In the process of unsafe-reviewing this crate, we discovered some issues. It's as of yet unclear if there is any unsoundness here, however the invariants are sufficiently nonlocal that it warrants further review (which I may not have time for at the moment)

Most of these are of the form "unsafe precondition checked by debug assertion; and may be exposed to the user through many layers of API"

The first one is this code:

debug_assert!(q >= SMALLEST_POWER_OF_FIVE as i64);
debug_assert!(q <= LARGEST_POWER_OF_FIVE as i64);
debug_assert!(precision <= 64);
let mask = if precision < 64 {
0xFFFF_FFFF_FFFF_FFFF_u64 >> precision
} else {
0xFFFF_FFFF_FFFF_FFFF_u64
};
let index = (q - SMALLEST_POWER_OF_FIVE as i64) as usize;
let (lo5, hi5) = unsafe { *POWER_OF_FIVE_128.get_unchecked(index) };

The safety invariants are upheld by a debug assertion, but it's not guarded in release mode. Ultimately, the q value comes from a parsed exponent, which seems quite sketchy: you really do not want safety invariants relying on outputs of your parsers: indeed: this is one of the most common ways for there to be exploitable undefined behavior in C code.

pub fn step_by(&mut self, n: usize) -> &mut Self {
unsafe { self.ptr = self.ptr.add(n) };

This doesn't do any bounds checking.
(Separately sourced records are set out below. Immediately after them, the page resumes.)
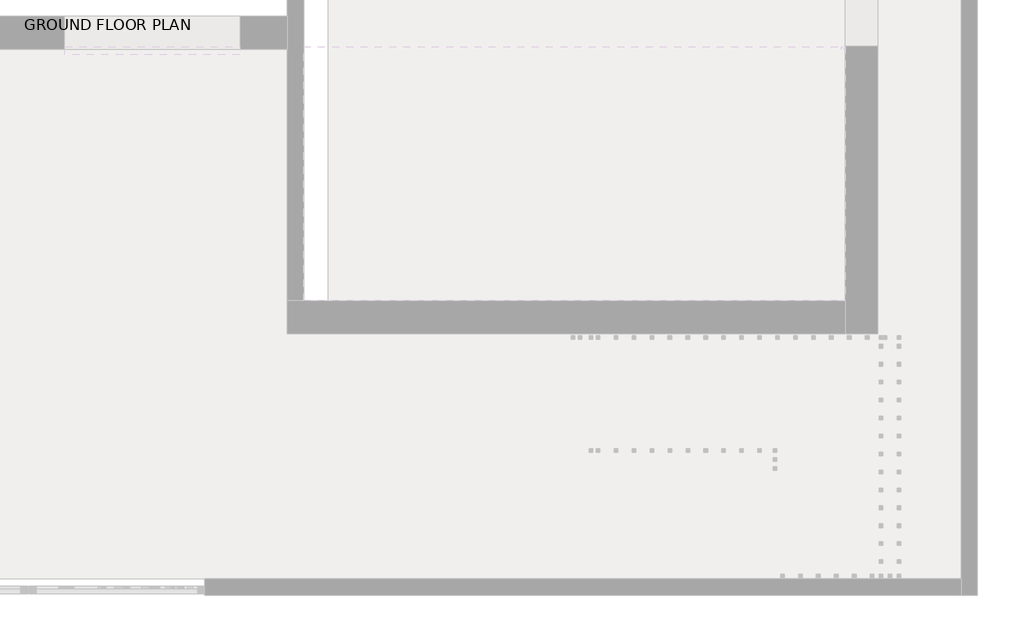
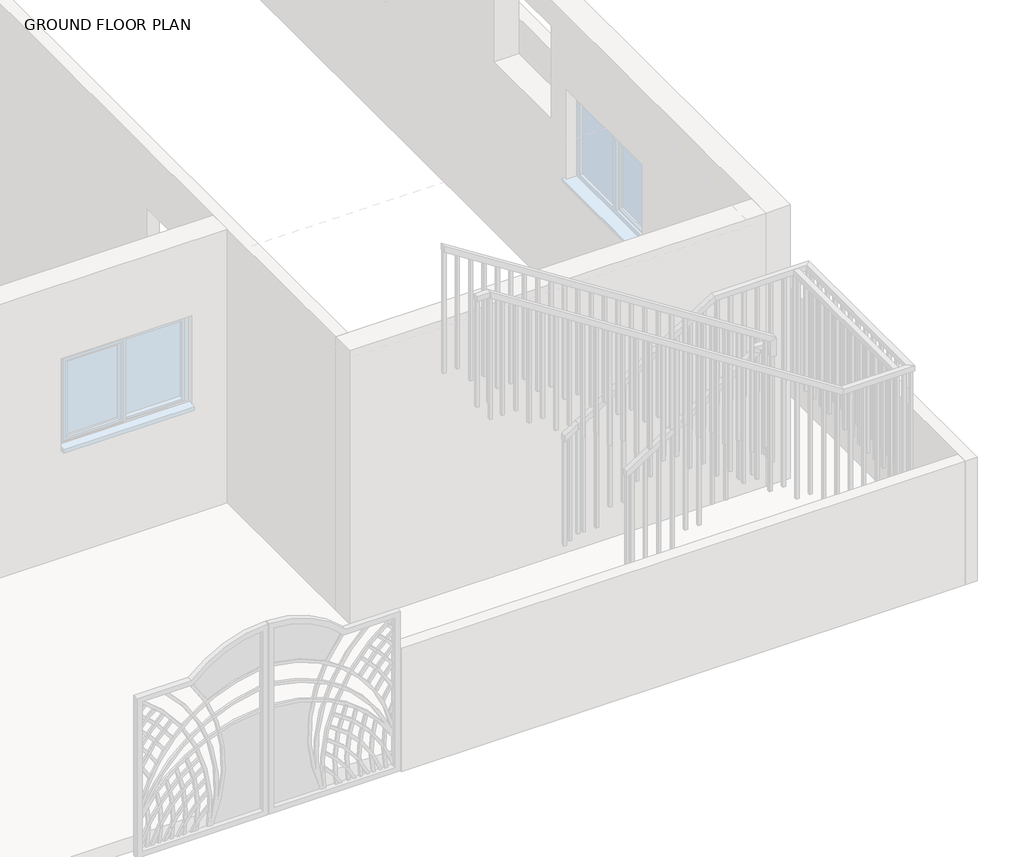
# One storey, part 9 of 23: 2 railings.
"""IFC4 building model written with IfcOpenShell, lengths in millimetres."""

from ifc_helpers import new_model, si_unit, frame, origin, place, context, project, spatial, polyline, outline, extrude, faceted_brep, element, save

model = new_model("IFC4")

# Units and contexts
model_context = context("Model", 3, world=origin())
ifc_project = project(units=[si_unit("LENGTHUNIT", "METRE", prefix="MILLI")], contexts=[model_context])

# Site, building, storey
site = spatial("IfcSite", under=ifc_project)
building = spatial("IfcBuilding", under=site)
storey = spatial("IfcBuildingStorey", under=building, Name="GROUND FLOOR PLAN", Elevation=487.68)

# Railings
placement = place(None, origin())
element("IfcRailing", 1, ObjectType="1100mm", at=placement, inside=storey, context=model_context, shape_type="SolidModel", body=[
    faceted_brep([(-8680.149573, -10220.0521308, 1912.8), (-8680.149573, -10220.0521308, 1853.4423995), (-8680.149573, -10270.0521308, 1853.4423995), (-8680.149573, -10270.0521308, 1912.8), (-7409.7306254, -10220.0521308, 2725.6), (-7395.1045513, -10220.0521308, 2675.6), (-7395.1045513, -10270.0521308, 2675.6), (-7409.7306254, -10270.0521308, 2725.6), (-6495.8132565, -10220.0521308, 2725.6), (-6495.8132565, -10220.0521308, 2675.6), (-6545.8132565, -10270.0521308, 2675.6), (-6545.8132565, -10270.0521308, 2725.6), (-6495.8132565, -11933.6860066, 2725.6), (-6495.8132565, -11933.6860066, 2675.6), (-6545.8132565, -11883.6860066, 2675.6), (-6545.8132565, -11883.6860066, 2725.6), (-7155.718398, -11933.6860066, 2725.6), (-7170.3479429, -11933.6860066, 2675.6), (-7170.3479429, -11883.6860066, 2675.6), (-7155.718398, -11883.6860066, 2725.6), (-10457.8773536, -11933.6860066, 4838.88), (-10457.8773536, -11883.6860066, 4838.88), (-10457.8773536, -11883.6860066, 4779.517542), (-10457.8773536, -11933.6860066, 4779.517542)], [[[0, 1, 2, 3]], [[1, 0, 4, 5]], [[2, 1, 5, 6]], [[3, 2, 6, 7]], [[0, 3, 7, 4]], [[5, 4, 8, 9]], [[6, 5, 9, 10]], [[7, 6, 10, 11]], [[4, 7, 11, 8]], [[9, 8, 12, 13]], [[10, 9, 13, 14]], [[11, 10, 14, 15]], [[8, 11, 15, 12]], [[13, 12, 16, 17]], [[14, 13, 17, 18]], [[15, 14, 18, 19]], [[12, 15, 19, 16]], [[20, 21, 22, 23]], [[17, 16, 20, 23]], [[18, 17, 23, 22]], [[19, 18, 22, 21]], [[16, 19, 21, 20]]]),
    extrude(outline(polyline([(4691.8007425, -10320.8132565), (4707.7999723, -10345.8132565), (3576.32, -10345.8132565), (3576.32, -10320.8132565), (4691.8007425, -10320.8132565)])), frame((0.0, -11921.1860066, 0.0), z_axis=(0.0, 1.0, 0.0), x_axis=(0.0, 0.0, 1.0)), (0.0, 0.0, 1.0), 25.0),
    extrude(outline(polyline([(4611.8045935, -10195.8132565), (4627.8038233, -10220.8132565), (3576.32, -10220.8132565), (3576.32, -10195.8132565), (4611.8045935, -10195.8132565)])), frame((0.0, -11921.1860066, 0.0), z_axis=(0.0, 1.0, 0.0), x_axis=(0.0, 0.0, 1.0)), (0.0, 0.0, 1.0), 25.0),
    extrude(outline(polyline([(4531.8084444, -10070.8132565), (4547.8076742, -10095.8132565), (3413.76, -10095.8132565), (3413.76, -10070.8132565), (4531.8084444, -10070.8132565)])), frame((0.0, -11921.1860066, 0.0), z_axis=(0.0, 1.0, 0.0), x_axis=(0.0, 0.0, 1.0)), (0.0, 0.0, 1.0), 25.0),
    extrude(outline(polyline([(4451.8122954, -9945.8132565), (4467.8115252, -9970.8132565), (3413.76, -9970.8132565), (3413.76, -9945.8132565), (4451.8122954, -9945.8132565)])), frame((0.0, -11921.1860066, 0.0), z_axis=(0.0, 1.0, 0.0), x_axis=(0.0, 0.0, 1.0)), (0.0, 0.0, 1.0), 25.0),
    extrude(outline(polyline([(4371.8161463, -9820.8132565), (4387.8153761, -9845.8132565), (3251.2, -9845.8132565), (3251.2, -9820.8132565), (4371.8161463, -9820.8132565)])), frame((0.0, -11921.1860066, 0.0), z_axis=(0.0, 1.0, 0.0), x_axis=(0.0, 0.0, 1.0)), (0.0, 0.0, 1.0), 25.0),
    extrude(outline(polyline([(4291.8423995, -9695.8132565), (4307.8371231, -9720.8132565), (3251.2, -9720.8132565), (3251.2, -9695.8132565), (4291.8423995, -9695.8132565)])), frame((0.0, -11921.1860066, 0.0), z_axis=(0.0, 1.0, 0.0), x_axis=(0.0, 0.0, 1.0)), (0.0, 0.0, 1.0), 25.0),
    extrude(outline(polyline([(4211.8238482, -9570.8132565), (4227.823078, -9595.8132565), (3088.64, -9595.8132565), (3088.64, -9570.8132565), (4211.8238482, -9570.8132565)])), frame((0.0, -11921.1860066, 0.0), z_axis=(0.0, 1.0, 0.0), x_axis=(0.0, 0.0, 1.0)), (0.0, 0.0, 1.0), 25.0),
    extrude(outline(polyline([(4131.8276992, -9445.8132565), (4147.826929, -9470.8132565), (3088.64, -9470.8132565), (3088.64, -9445.8132565), (4131.8276992, -9445.8132565)])), frame((0.0, -11921.1860066, 0.0), z_axis=(0.0, 1.0, 0.0), x_axis=(0.0, 0.0, 1.0)), (0.0, 0.0, 1.0), 25.0),
    extrude(outline(polyline([(4051.8315501, -9320.8132565), (4067.8307799, -9345.8132565), (2926.08, -9345.8132565), (2926.08, -9320.8132565), (4051.8315501, -9320.8132565)])), frame((0.0, -11921.1860066, 0.0), z_axis=(0.0, 1.0, 0.0), x_axis=(0.0, 0.0, 1.0)), (0.0, 0.0, 1.0), 25.0),
    extrude(outline(polyline([(3971.835401, -9195.8132565), (3987.8346309, -9220.8132565), (2926.08, -9220.8132565), (2926.08, -9195.8132565), (3971.835401, -9195.8132565)])), frame((0.0, -11921.1860066, 0.0), z_axis=(0.0, 1.0, 0.0), x_axis=(0.0, 0.0, 1.0)), (0.0, 0.0, 1.0), 25.0),
    extrude(outline(polyline([(3891.839252, -9070.8132565), (3907.8384818, -9095.8132565), (2763.52, -9095.8132565), (2763.52, -9070.8132565), (3891.839252, -9070.8132565)])), frame((0.0, -11921.1860066, 0.0), z_axis=(0.0, 1.0, 0.0), x_axis=(0.0, 0.0, 1.0)), (0.0, 0.0, 1.0), 25.0),
    extrude(outline(polyline([(3811.8431029, -8945.8132565), (3827.8423328, -8970.8132565), (2763.52, -8970.8132565), (2763.52, -8945.8132565), (3811.8431029, -8945.8132565)])), frame((0.0, -11921.1860066, 0.0), z_axis=(0.0, 1.0, 0.0), x_axis=(0.0, 0.0, 1.0)), (0.0, 0.0, 1.0), 25.0),
    extrude(outline(polyline([(3731.8469539, -8820.8132565), (3747.8461837, -8845.8132565), (2600.96, -8845.8132565), (2600.96, -8820.8132565), (3731.8469539, -8820.8132565)])), frame((0.0, -11921.1860066, 0.0), z_axis=(0.0, 1.0, 0.0), x_axis=(0.0, 0.0, 1.0)), (0.0, 0.0, 1.0), 25.0),
    extrude(outline(polyline([(3651.8508048, -8695.8132565), (3667.8500347, -8720.8132565), (2600.96, -8720.8132565), (2600.96, -8695.8132565), (3651.8508048, -8695.8132565)])), frame((0.0, -11921.1860066, 0.0), z_axis=(0.0, 1.0, 0.0), x_axis=(0.0, 0.0, 1.0)), (0.0, 0.0, 1.0), 25.0),
    extrude(outline(polyline([(3571.8546558, -8570.8132565), (3587.8538856, -8595.8132565), (2438.4, -8595.8132565), (2438.4, -8570.8132565), (3571.8546558, -8570.8132565)])), frame((0.0, -11921.1860066, 0.0), z_axis=(0.0, 1.0, 0.0), x_axis=(0.0, 0.0, 1.0)), (0.0, 0.0, 1.0), 25.0),
    extrude(outline(polyline([(3491.8585067, -8445.8132565), (3507.8577365, -8470.8132565), (2438.4, -8470.8132565), (2438.4, -8445.8132565), (3491.8585067, -8445.8132565)])), frame((0.0, -11921.1860066, 0.0), z_axis=(0.0, 1.0, 0.0), x_axis=(0.0, 0.0, 1.0)), (0.0, 0.0, 1.0), 25.0),
    extrude(outline(polyline([(3411.8623577, -8320.8132565), (3427.8615875, -8345.8132565), (2275.84, -8345.8132565), (2275.84, -8320.8132565), (3411.8623577, -8320.8132565)])), frame((0.0, -11921.1860066, 0.0), z_axis=(0.0, 1.0, 0.0), x_axis=(0.0, 0.0, 1.0)), (0.0, 0.0, 1.0), 25.0),
    extrude(outline(polyline([(3331.8662086, -8195.8132565), (3347.8654384, -8220.8132565), (2275.84, -8220.8132565), (2275.84, -8195.8132565), (3331.8662086, -8195.8132565)])), frame((0.0, -11921.1860066, 0.0), z_axis=(0.0, 1.0, 0.0), x_axis=(0.0, 0.0, 1.0)), (0.0, 0.0, 1.0), 25.0),
    extrude(outline(polyline([(3251.8700596, -8070.8132565), (3267.8692894, -8095.8132565), (2113.28, -8095.8132565), (2113.28, -8070.8132565), (3251.8700596, -8070.8132565)])), frame((0.0, -11921.1860066, 0.0), z_axis=(0.0, 1.0, 0.0), x_axis=(0.0, 0.0, 1.0)), (0.0, 0.0, 1.0), 25.0),
    extrude(outline(polyline([(3171.8739105, -7945.8132565), (3187.8731403, -7970.8132565), (2113.28, -7970.8132565), (2113.28, -7945.8132565), (3171.8739105, -7945.8132565)])), frame((0.0, -11921.1860066, 0.0), z_axis=(0.0, 1.0, 0.0), x_axis=(0.0, 0.0, 1.0)), (0.0, 0.0, 1.0), 25.0),
    extrude(outline(polyline([(3091.8777615, -7820.8132565), (3107.8769913, -7845.8132565), (1950.72, -7845.8132565), (1950.72, -7820.8132565), (3091.8777615, -7820.8132565)])), frame((0.0, -11921.1860066, 0.0), z_axis=(0.0, 1.0, 0.0), x_axis=(0.0, 0.0, 1.0)), (0.0, 0.0, 1.0), 25.0),
    extrude(outline(polyline([(3011.8816124, -7695.8132565), (3027.8808422, -7720.8132565), (1950.72, -7720.8132565), (1950.72, -7695.8132565), (3011.8816124, -7695.8132565)])), frame((0.0, -11921.1860066, 0.0), z_axis=(0.0, 1.0, 0.0), x_axis=(0.0, 0.0, 1.0)), (0.0, 0.0, 1.0), 25.0),
    extrude(outline(polyline([(2931.8854634, -7570.8132565), (2947.8846932, -7595.8132565), (1788.16, -7595.8132565), (1788.16, -7570.8132565), (2931.8854634, -7570.8132565)])), frame((0.0, -11921.1860066, 0.0), z_axis=(0.0, 1.0, 0.0), x_axis=(0.0, 0.0, 1.0)), (0.0, 0.0, 1.0), 25.0),
    extrude(outline(polyline([(2851.8893143, -7445.8132565), (2867.8885441, -7470.8132565), (1788.16, -7470.8132565), (1788.16, -7445.8132565), (2851.8893143, -7445.8132565)])), frame((0.0, -11921.1860066, 0.0), z_axis=(0.0, 1.0, 0.0), x_axis=(0.0, 0.0, 1.0)), (0.0, 0.0, 1.0), 25.0),
    extrude(outline(polyline([(2771.8931653, -7320.8132565), (2787.8923951, -7345.8132565), (1625.6, -7345.8132565), (1625.6, -7320.8132565), (2771.8931653, -7320.8132565)])), frame((0.0, -11921.1860066, 0.0), z_axis=(0.0, 1.0, 0.0), x_axis=(0.0, 0.0, 1.0)), (0.0, 0.0, 1.0), 25.0),
    extrude(outline(polyline([(2691.8970162, -7195.8132565), (2707.896246, -7220.8132565), (1625.6, -7220.8132565), (1625.6, -7195.8132565), (2691.8970162, -7195.8132565)])), frame((0.0, -11921.1860066, 0.0), z_axis=(0.0, 1.0, 0.0), x_axis=(0.0, 0.0, 1.0)), (0.0, 0.0, 1.0), 25.0),
    extrude(outline(polyline([(-7070.8132565, -11921.1860066), (-7095.8132565, -11921.1860066), (-7095.8132565, -11896.1860066), (-7070.8132565, -11896.1860066), (-7070.8132565, -11921.1860066)])), frame((0.0, 0.0, 1625.6), z_axis=(0.0, 0.0, 1.0), x_axis=(1.0, 0.0, 0.0)), (0.0, 0.0, 1.0), 1050.0),
    extrude(outline(polyline([(-6945.8132565, -11921.1860066), (-6970.8132565, -11921.1860066), (-6970.8132565, -11896.1860066), (-6945.8132565, -11896.1860066), (-6945.8132565, -11921.1860066)])), frame((0.0, 0.0, 1625.6), z_axis=(0.0, 0.0, 1.0), x_axis=(1.0, 0.0, 0.0)), (0.0, 0.0, 1.0), 1050.0),
    extrude(outline(polyline([(-6820.8132565, -11921.1860066), (-6845.8132565, -11921.1860066), (-6845.8132565, -11896.1860066), (-6820.8132565, -11896.1860066), (-6820.8132565, -11921.1860066)])), frame((0.0, 0.0, 1625.6), z_axis=(0.0, 0.0, 1.0), x_axis=(1.0, 0.0, 0.0)), (0.0, 0.0, 1.0), 1050.0),
    extrude(outline(polyline([(-6695.8132565, -11921.1860066), (-6720.8132565, -11921.1860066), (-6720.8132565, -11896.1860066), (-6695.8132565, -11896.1860066), (-6695.8132565, -11921.1860066)])), frame((0.0, 0.0, 1625.6), z_axis=(0.0, 0.0, 1.0), x_axis=(1.0, 0.0, 0.0)), (0.0, 0.0, 1.0), 1050.0),
    extrude(outline(polyline([(-6570.8132565, -11921.1860066), (-6595.8132565, -11921.1860066), (-6595.8132565, -11896.1860066), (-6570.8132565, -11896.1860066), (-6570.8132565, -11921.1860066)])), frame((0.0, 0.0, 1625.6), z_axis=(0.0, 0.0, 1.0), x_axis=(1.0, 0.0, 0.0)), (0.0, 0.0, 1.0), 1050.0),
    extrude(outline(polyline([(-6508.3132565, -11795.0521308), (-6508.3132565, -11820.0521308), (-6533.3132565, -11820.0521308), (-6533.3132565, -11795.0521308), (-6508.3132565, -11795.0521308)])), frame((0.0, 0.0, 1625.6), z_axis=(0.0, 0.0, 1.0), x_axis=(1.0, 0.0, 0.0)), (0.0, 0.0, 1.0), 1050.0),
    extrude(outline(polyline([(-6508.3132565, -11670.0521308), (-6508.3132565, -11695.0521308), (-6533.3132565, -11695.0521308), (-6533.3132565, -11670.0521308), (-6508.3132565, -11670.0521308)])), frame((0.0, 0.0, 1625.6), z_axis=(0.0, 0.0, 1.0), x_axis=(1.0, 0.0, 0.0)), (0.0, 0.0, 1.0), 1050.0),
    extrude(outline(polyline([(-6508.3132565, -11545.0521308), (-6508.3132565, -11570.0521308), (-6533.3132565, -11570.0521308), (-6533.3132565, -11545.0521308), (-6508.3132565, -11545.0521308)])), frame((0.0, 0.0, 1625.6), z_axis=(0.0, 0.0, 1.0), x_axis=(1.0, 0.0, 0.0)), (0.0, 0.0, 1.0), 1050.0),
    extrude(outline(polyline([(-6508.3132565, -11420.0521308), (-6508.3132565, -11445.0521308), (-6533.3132565, -11445.0521308), (-6533.3132565, -11420.0521308), (-6508.3132565, -11420.0521308)])), frame((0.0, 0.0, 1625.6), z_axis=(0.0, 0.0, 1.0), x_axis=(1.0, 0.0, 0.0)), (0.0, 0.0, 1.0), 1050.0),
    extrude(outline(polyline([(-6508.3132565, -11295.0521308), (-6508.3132565, -11320.0521308), (-6533.3132565, -11320.0521308), (-6533.3132565, -11295.0521308), (-6508.3132565, -11295.0521308)])), frame((0.0, 0.0, 1625.6), z_axis=(0.0, 0.0, 1.0), x_axis=(1.0, 0.0, 0.0)), (0.0, 0.0, 1.0), 1050.0),
    extrude(outline(polyline([(-6508.3132565, -11170.0521308), (-6508.3132565, -11195.0521308), (-6533.3132565, -11195.0521308), (-6533.3132565, -11170.0521308), (-6508.3132565, -11170.0521308)])), frame((0.0, 0.0, 1625.6), z_axis=(0.0, 0.0, 1.0), x_axis=(1.0, 0.0, 0.0)), (0.0, 0.0, 1.0), 1050.0),
    extrude(outline(polyline([(-6508.3132565, -11045.0521308), (-6508.3132565, -11070.0521308), (-6533.3132565, -11070.0521308), (-6533.3132565, -11045.0521308), (-6508.3132565, -11045.0521308)])), frame((0.0, 0.0, 1625.6), z_axis=(0.0, 0.0, 1.0), x_axis=(1.0, 0.0, 0.0)), (0.0, 0.0, 1.0), 1050.0),
    extrude(outline(polyline([(-6508.3132565, -10920.0521308), (-6508.3132565, -10945.0521308), (-6533.3132565, -10945.0521308), (-6533.3132565, -10920.0521308), (-6508.3132565, -10920.0521308)])), frame((0.0, 0.0, 1625.6), z_axis=(0.0, 0.0, 1.0), x_axis=(1.0, 0.0, 0.0)), (0.0, 0.0, 1.0), 1050.0),
    extrude(outline(polyline([(-6508.3132565, -10795.0521308), (-6508.3132565, -10820.0521308), (-6533.3132565, -10820.0521308), (-6533.3132565, -10795.0521308), (-6508.3132565, -10795.0521308)])), frame((0.0, 0.0, 1625.6), z_axis=(0.0, 0.0, 1.0), x_axis=(1.0, 0.0, 0.0)), (0.0, 0.0, 1.0), 1050.0),
    extrude(outline(polyline([(-6508.3132565, -10670.0521308), (-6508.3132565, -10695.0521308), (-6533.3132565, -10695.0521308), (-6533.3132565, -10670.0521308), (-6508.3132565, -10670.0521308)])), frame((0.0, 0.0, 1625.6), z_axis=(0.0, 0.0, 1.0), x_axis=(1.0, 0.0, 0.0)), (0.0, 0.0, 1.0), 1050.0),
    extrude(outline(polyline([(-6508.3132565, -10545.0521308), (-6508.3132565, -10570.0521308), (-6533.3132565, -10570.0521308), (-6533.3132565, -10545.0521308), (-6508.3132565, -10545.0521308)])), frame((0.0, 0.0, 1625.6), z_axis=(0.0, 0.0, 1.0), x_axis=(1.0, 0.0, 0.0)), (0.0, 0.0, 1.0), 1050.0),
    extrude(outline(polyline([(-6508.3132565, -10420.0521308), (-6508.3132565, -10445.0521308), (-6533.3132565, -10445.0521308), (-6533.3132565, -10420.0521308), (-6508.3132565, -10420.0521308)])), frame((0.0, 0.0, 1625.6), z_axis=(0.0, 0.0, 1.0), x_axis=(1.0, 0.0, 0.0)), (0.0, 0.0, 1.0), 1050.0),
    extrude(outline(polyline([(-6508.3132565, -10295.0521308), (-6508.3132565, -10320.0521308), (-6533.3132565, -10320.0521308), (-6533.3132565, -10295.0521308), (-6508.3132565, -10295.0521308)])), frame((0.0, 0.0, 1625.6), z_axis=(0.0, 0.0, 1.0), x_axis=(1.0, 0.0, 0.0)), (0.0, 0.0, 1.0), 1050.0),
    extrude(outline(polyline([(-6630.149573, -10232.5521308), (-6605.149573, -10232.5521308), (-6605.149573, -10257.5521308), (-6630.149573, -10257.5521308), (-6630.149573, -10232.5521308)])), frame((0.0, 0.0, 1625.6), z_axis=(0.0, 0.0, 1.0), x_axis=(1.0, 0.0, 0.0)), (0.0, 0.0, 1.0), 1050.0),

It's possible the many uses of step_by() and step() in this codebase are correct, but it will take time to verify.

There are a couple ways to use typestate to write munchers that can avoid duplicating bounds checks here so that the code can be written with the same performance. Happy to talk about that in more depth.

unsafe { *self.ptr }

This also doesn't check invariants. Unclear if upheld at the call site.

fn read_u64(&self) -> u64 {
debug_assert!(self.as_ref().len() >= 8);
let src = self.as_ref().as_ptr() as *const u64;
u64::from_le(unsafe { ptr::read_unaligned(src) })
}
#[inline]
fn write_u64(&mut self, value: u64) {
debug_assert!(self.as_ref().len() >= 8);
let dst = self.as_mut().as_mut_ptr() as *mut u64;
unsafe { ptr::write_unaligned(dst, u64::to_le(value)) };
}

Only checks invariants in debug mode. Unclear if upheld at the call sites.

Alexhuszagh added a commit to Alexhuszagh/fast-float-rust that referenced this issue Oct 31, 2024
This patches a lot of the wrappers in `AsciiStr` being marked as safe but not being safe except within the context, using raw pointer dereferences without local bounds checks.

This is extensively documented in aldanor#37:
    aldanor#37

`AsciiStr` has been re-written as a result, and unsafe functions marked as safe have been either converted to safe variants where the compiled checks can be ellided or marked as unsafe so the caller knows to upholds the safety invariants.